Should I Get a Business Loan or Line of Credit?
Every financial decision for your business is important. Especially if you are thinking of taking on financing, it’s essential that you know with some real certainty that you are getting the right product for your needs. Many small business owners likely find themselves stuck between two popular choices, those being business loans and business lines of credit. While both types of financing have their benefits, it’s more than possible that one may suit your needs better than the other. Let’s get into the key differences between a business loan and a line credit.
What is a Business Loan?
A business loan is basically an agreement between a lender and a borrower in which the lender gives a one-time lump sum of money to a borrower. The borrower is then responsible for paying back that lump sum to the lender with interest. What we’re describing here is also called a term loan, a loan that you pay back over a certain term.

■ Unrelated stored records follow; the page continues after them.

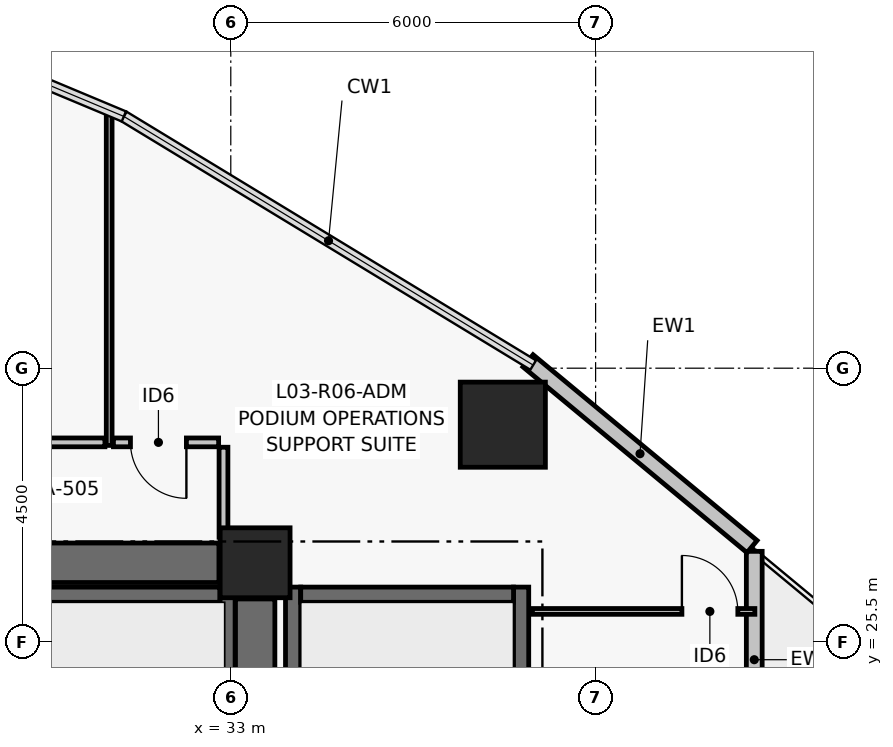
"""IFC4 building model, lengths in metres.
Left out: names, types, materials, properties, quantities, classifications, styles, units other than length and angle.
Written with IfcOpenShell. Run it as: python <this file> out.ifc"""

import sys

from ifc_helpers import new_model, si_unit, direction, frame, frame_2d, origin, origin_2d, place, context, subcontext, project, spatial, rectangle, hollow_rectangle, extrude, element, fill, save


model = new_model("IFC4")
c1 = context("Model", 3, precision=1e-05, world=origin(), true_north=direction((0.0, 1.0)))
c2 = subcontext(c1, "Body", "Model", "MODEL_VIEW")
j1 = project(units=[si_unit("LENGTHUNIT", "METRE"), si_unit("PLANEANGLEUNIT", "RADIAN")], contexts=[c1])
p1 = place(None, origin())
s1 = spatial("IfcSite", under=j1, at=p1, CompositionType="ELEMENT")
p2 = place(p1, origin())
s2 = spatial("IfcBuilding", under=s1, at=p2, CompositionType="ELEMENT")
p3 = place(p2, frame((0.0, 0.0, 18.0)))
s3 = spatial("IfcBuildingStorey", under=s2, at=p3, CompositionType="ELEMENT", Elevation=18.0)
p4 = place(p3, frame((33.4, 26.8, 0.0), z_axis=(0.0, 0.0, 1.0), x_axis=(1.0, 0.0, 0.0)))
e1 = element("IfcColumn", 1, at=p4, inside=s3, PredefinedType="COLUMN", context=c2, shape_type="SweptSolid", body=[
    extrude(rectangle(XDim=1.15, YDim=1.15, at=origin_2d()), origin(), (0.0, 0.0, 1.0), 4.8),
])
p5 = place(p3, frame((29.745, 26.8, 0.0), z_axis=(0.0, 0.0, 1.0), x_axis=(1.0, 0.0, 0.0)))
e2 = element("IfcWall", 2, at=p5, inside=s3, PredefinedType="SHEAR", context=c2, shape_type="SweptSolid", body=[
    extrude(rectangle(XDim=3.06, YDim=0.65, at=frame_2d((1.53, 0.0))), origin(), (0.0, 0.0, 1.0), 4.48),
])
p6 = place(p3, frame((33.4, 17.795, 0.0), z_axis=(0.0, 0.0, 1.0), x_axis=(0.0, 1.0, 0.0)))
e3 = element("IfcWall", 3, at=p6, inside=s3, PredefinedType="SHEAR", context=c2, shape_type="SweptSolid", body=[
    extrude(rectangle(XDim=8.41, YDim=0.65, at=frame_2d((4.205, 0.0))), origin(), (0.0, 0.0, 1.0), 4.48),
])
p7 = place(p3, frame((32.946, 17.6, 0.0), z_axis=(0.0, 0.0, 1.0), x_axis=(0.0, 1.0, 0.0)))
e4 = element("IfcWall", 4, at=p7, inside=s3, PredefinedType="SHEAR", context=c2, shape_type="SweptSolid", body=[
    extrude(rectangle(XDim=8.8, YDim=0.25, at=frame_2d((4.4, 0.0))), origin(), (0.0, 0.0, 1.0), 4.48),
])
p8 = place(p3, frame((29.4, 26.275, 0.0), z_axis=(0.0, 0.0, 1.0), x_axis=(1.0, 0.0, 0.0)))
e5 = element("IfcWall", 5, at=p8, inside=s3, PredefinedType="SHEAR", context=c2, shape_type="SweptSolid", body=[
    extrude(rectangle(XDim=3.421, YDim=0.25, at=frame_2d((1.71, 0.0))), origin(), (0.0, 0.0, 1.0), 4.48),
])
for number, where, z_axis, x_axis in (
    (6, (34.025, 17.6, 0.0), (0.0, 0.0, 1.0), (0.0, 1.0, 0.0)),
    (7, (37.775, 17.6, 0.0), (0.0, 0.0, 1.0), (0.0, 1.0, 0.0)),
):
    element("IfcWall", number, at=place(p3, frame(where, z_axis=z_axis, x_axis=x_axis)), inside=s3, PredefinedType="SHEAR", context=c2, shape_type="SweptSolid", body=[
        extrude(rectangle(XDim=8.8, YDim=0.25, at=frame_2d((4.4, 0.0))), origin(), (0.0, 0.0, 1.0), 4.48),
    ])
p9 = place(p3, frame((34.15, 26.275, 0.0), z_axis=(0.0, 0.0, 1.0), x_axis=(1.0, 0.0, 0.0)))
e8 = element("IfcWall", 8, at=p9, inside=s3, PredefinedType="SHEAR", context=c2, shape_type="SweptSolid", body=[
    extrude(rectangle(XDim=3.5, YDim=0.25, at=frame_2d((1.75, 0.0))), origin(), (0.0, 0.0, 1.0), 4.48),
])
p10 = place(p3, frame((37.474, 29.071, 0.0), z_axis=(0.0, 0.0, 1.0), x_axis=(1.0, 0.0, 0.0)))
e9 = element("IfcColumn", 9, at=p10, inside=s3, PredefinedType="COLUMN", context=c2, shape_type="SweptSolid", body=[
    extrude(hollow_rectangle(XDim=1.4, YDim=1.4, WallThickness=0.055, at=origin_2d()), origin(), (0.0, 0.0, 1.0), 4.8),
])
p11 = place(p3, frame((41.609, 26.988, 0.0), z_axis=(0.0, 0.0, 1.0), x_axis=(0.0, -1.0, 0.0)))
e10 = element("IfcWall", 10, at=p11, inside=s3, PredefinedType="PARTITIONING", context=c2, shape_type="SweptSolid", body=[
    extrude(rectangle(XDim=3.564, YDim=0.26, at=frame_2d((1.782, 0.0))), origin(), (0.0, 0.0, 1.0), 3.86),
])
p12 = place(p3, frame((37.888, 30.121, 0.0), z_axis=(0.0, 0.0, 1.0), x_axis=(0.769749401626, -0.638346190321, 0.0)))
e11 = element("IfcWall", 11, at=p12, inside=s3, PredefinedType="PARTITIONING", context=c2, shape_type="SweptSolid", body=[
    extrude(rectangle(XDim=4.786, YDim=0.26, at=frame_2d((2.393, 0.0))), origin(), (0.0, 0.0, 1.0), 4.48),
])
p13 = place(p3, frame((33.74, 27.22, 0.0), z_axis=(0.0, 0.0, 1.0), x_axis=(-1.0, 0.0, 0.0)))
e12 = element("IfcWall", 12, at=p13, inside=s3, PredefinedType="PARTITIONING", context=c2, shape_type="SweptSolid", body=[
    extrude(rectangle(XDim=0.86, YDim=0.145, at=frame_2d((0.43, 0.0))), origin(), (0.0, 0.0, 1.0), 3.56),
])
p14 = place(p3, frame((32.88, 27.22, 0.0), z_axis=(0.0, 0.0, 1.0), x_axis=(0.0, 1.0, 0.0)))
e13 = element("IfcWall", 13, at=p14, inside=s3, PredefinedType="PARTITIONING", context=c2, shape_type="SweptSolid", body=[
    extrude(rectangle(XDim=1.48, YDim=0.145, at=frame_2d((0.74, 0.0))), origin(), (0.0, 0.0, 1.0), 3.61),
])
p15 = place(p3, frame((32.8, 28.78, 0.0), z_axis=(0.0, 0.0, 1.0), x_axis=(-1.0, 0.0, 0.0)))
e14 = element("IfcWall", 14, at=p15, inside=s3, PredefinedType="PARTITIONING", context=c2, shape_type="SweptSolid", body=[
    extrude(rectangle(XDim=1.73, YDim=0.145, at=frame_2d((0.865, 0.0))), origin(), (0.0, 0.0, 1.0), 4.01),
])
p16 = place(p15, frame((0.53, 0.0, 0.0)))
e15 = element("IfcOpeningElement", 15, at=p16, cuts=e14, PredefinedType="OPENING", context=c2, shape_type="SweptSolid", body=[
    extrude(rectangle(XDim=0.92, YDim=2.05, at=frame_2d((0.46, 1.025))), frame((0.0, 0.083, 0.0), z_axis=(0.0, -1.0, 0.0), x_axis=(1.0, 0.0, 0.0)), (0.0, 0.0, 1.0), 0.165),
])
p17 = place(p3, frame((30.93, 28.78, 0.0), z_axis=(0.0, 0.0, 1.0), x_axis=(-1.0, 0.0, 0.0)))
e16 = element("IfcWall", 16, at=p17, inside=s3, PredefinedType="PARTITIONING", context=c2, shape_type="SweptSolid", body=[
    extrude(rectangle(XDim=11.36, YDim=0.145, at=frame_2d((5.68, 0.0))), origin(), (0.0, 0.0, 1.0), 3.56),
])
p18 = place(p17, frame((5.205, 0.0, 0.0)))
e17 = element("IfcOpeningElement", 17, at=p18, cuts=e16, PredefinedType="OPENING", context=c2, shape_type="SweptSolid", body=[
    extrude(rectangle(XDim=0.95, YDim=2.06, at=frame_2d((0.475, 1.03))), frame((0.0, 0.083, 0.0), z_axis=(0.0, -1.0, 0.0), x_axis=(1.0, 0.0, 0.0)), (0.0, 0.0, 1.0), 0.165),
])
p19 = place(p3, frame((31.0, 28.73, 0.0), z_axis=(0.0, 0.0, 1.0), x_axis=(0.0, 1.0, 0.0)))
e18 = element("IfcWall", 18, at=p19, inside=s3, PredefinedType="PARTITIONING", context=c2, shape_type="SweptSolid", body=[
    extrude(rectangle(XDim=5.522, YDim=0.095, at=frame_2d((2.761, 0.0))), origin(), (0.0, 0.0, 1.0), 3.86),
])
p20 = place(p3, frame((37.96, 26.0, 0.0), z_axis=(0.0, 0.0, 1.0), x_axis=(1.0, 0.0, 0.0)))
e19 = element("IfcWall", 19, at=p20, inside=s3, PredefinedType="PARTITIONING", context=c2, shape_type="SweptSolid", body=[
    extrude(rectangle(XDim=3.659, YDim=0.095, at=frame_2d((1.83, 0.0))), origin(), (0.0, 0.0, 1.0), 3.86),
])
p21 = place(p20, frame((2.459, 0.0, 0.0)))
e20 = element("IfcOpeningElement", 20, at=p21, cuts=e19, PredefinedType="OPENING", context=c2, shape_type="SweptSolid", body=[
    extrude(rectangle(XDim=0.92, YDim=2.05, at=frame_2d((0.46, 1.025))), frame((0.0, 0.057, 0.0), z_axis=(0.0, -1.0, 0.0), x_axis=(1.0, 0.0, 0.0)), (0.0, 0.0, 1.0), 0.115),
])
p22 = place(p16, origin())
e21 = element("IfcDoor", 21, at=p22, inside=s3, OperationType="SINGLE_SWING_LEFT", PredefinedType="DOOR", context=c2, shape_type="SweptSolid", body=[
    extrude(rectangle(XDim=0.92, YDim=2.05, at=frame_2d((0.46, 1.025))), frame((0.0, 0.025, 0.0), z_axis=(0.0, -1.0, 0.0), x_axis=(1.0, 0.0, 0.0)), (0.0, 0.0, 1.0), 0.05),
])
fill(e15, e21)
p23 = place(p21, origin())
e22 = element("IfcDoor", 22, at=p23, inside=s3, OperationType="SINGLE_SWING_LEFT", PredefinedType="DOOR", context=c2, shape_type="SweptSolid", body=[
    extrude(rectangle(XDim=0.92, YDim=2.05, at=frame_2d((0.46, 1.025))), frame((0.0, 0.025, 0.0), z_axis=(0.0, -1.0, 0.0), x_axis=(1.0, 0.0, 0.0)), (0.0, 0.0, 1.0), 0.05),
])
fill(e20, e22)
save(model, sys.argv[1])

Depending on the lender and the merits of a borrower, business loans can be for amounts up to $5 million and be as long term as 25 years. But the important thing to remember when it comes to business loans is that they generally only account for one singular sum of capital. When you pay back a loan, you can of course take out another one. But business loans are almost always one-time, lump sum transactions.
Business Loan Benefits
Business loans come with specific benefits, including:
- Set Repayments: Business loans usually have a fixed rate, which means fixed monthly payments throughout the life of the loan. This makes it easy to budget for repayments.
- Relatively Lower Interest Rates: Generally speaking, business loans have a lower interest rate than business lines of credit. However, rates depend entirely on your credit history and financials.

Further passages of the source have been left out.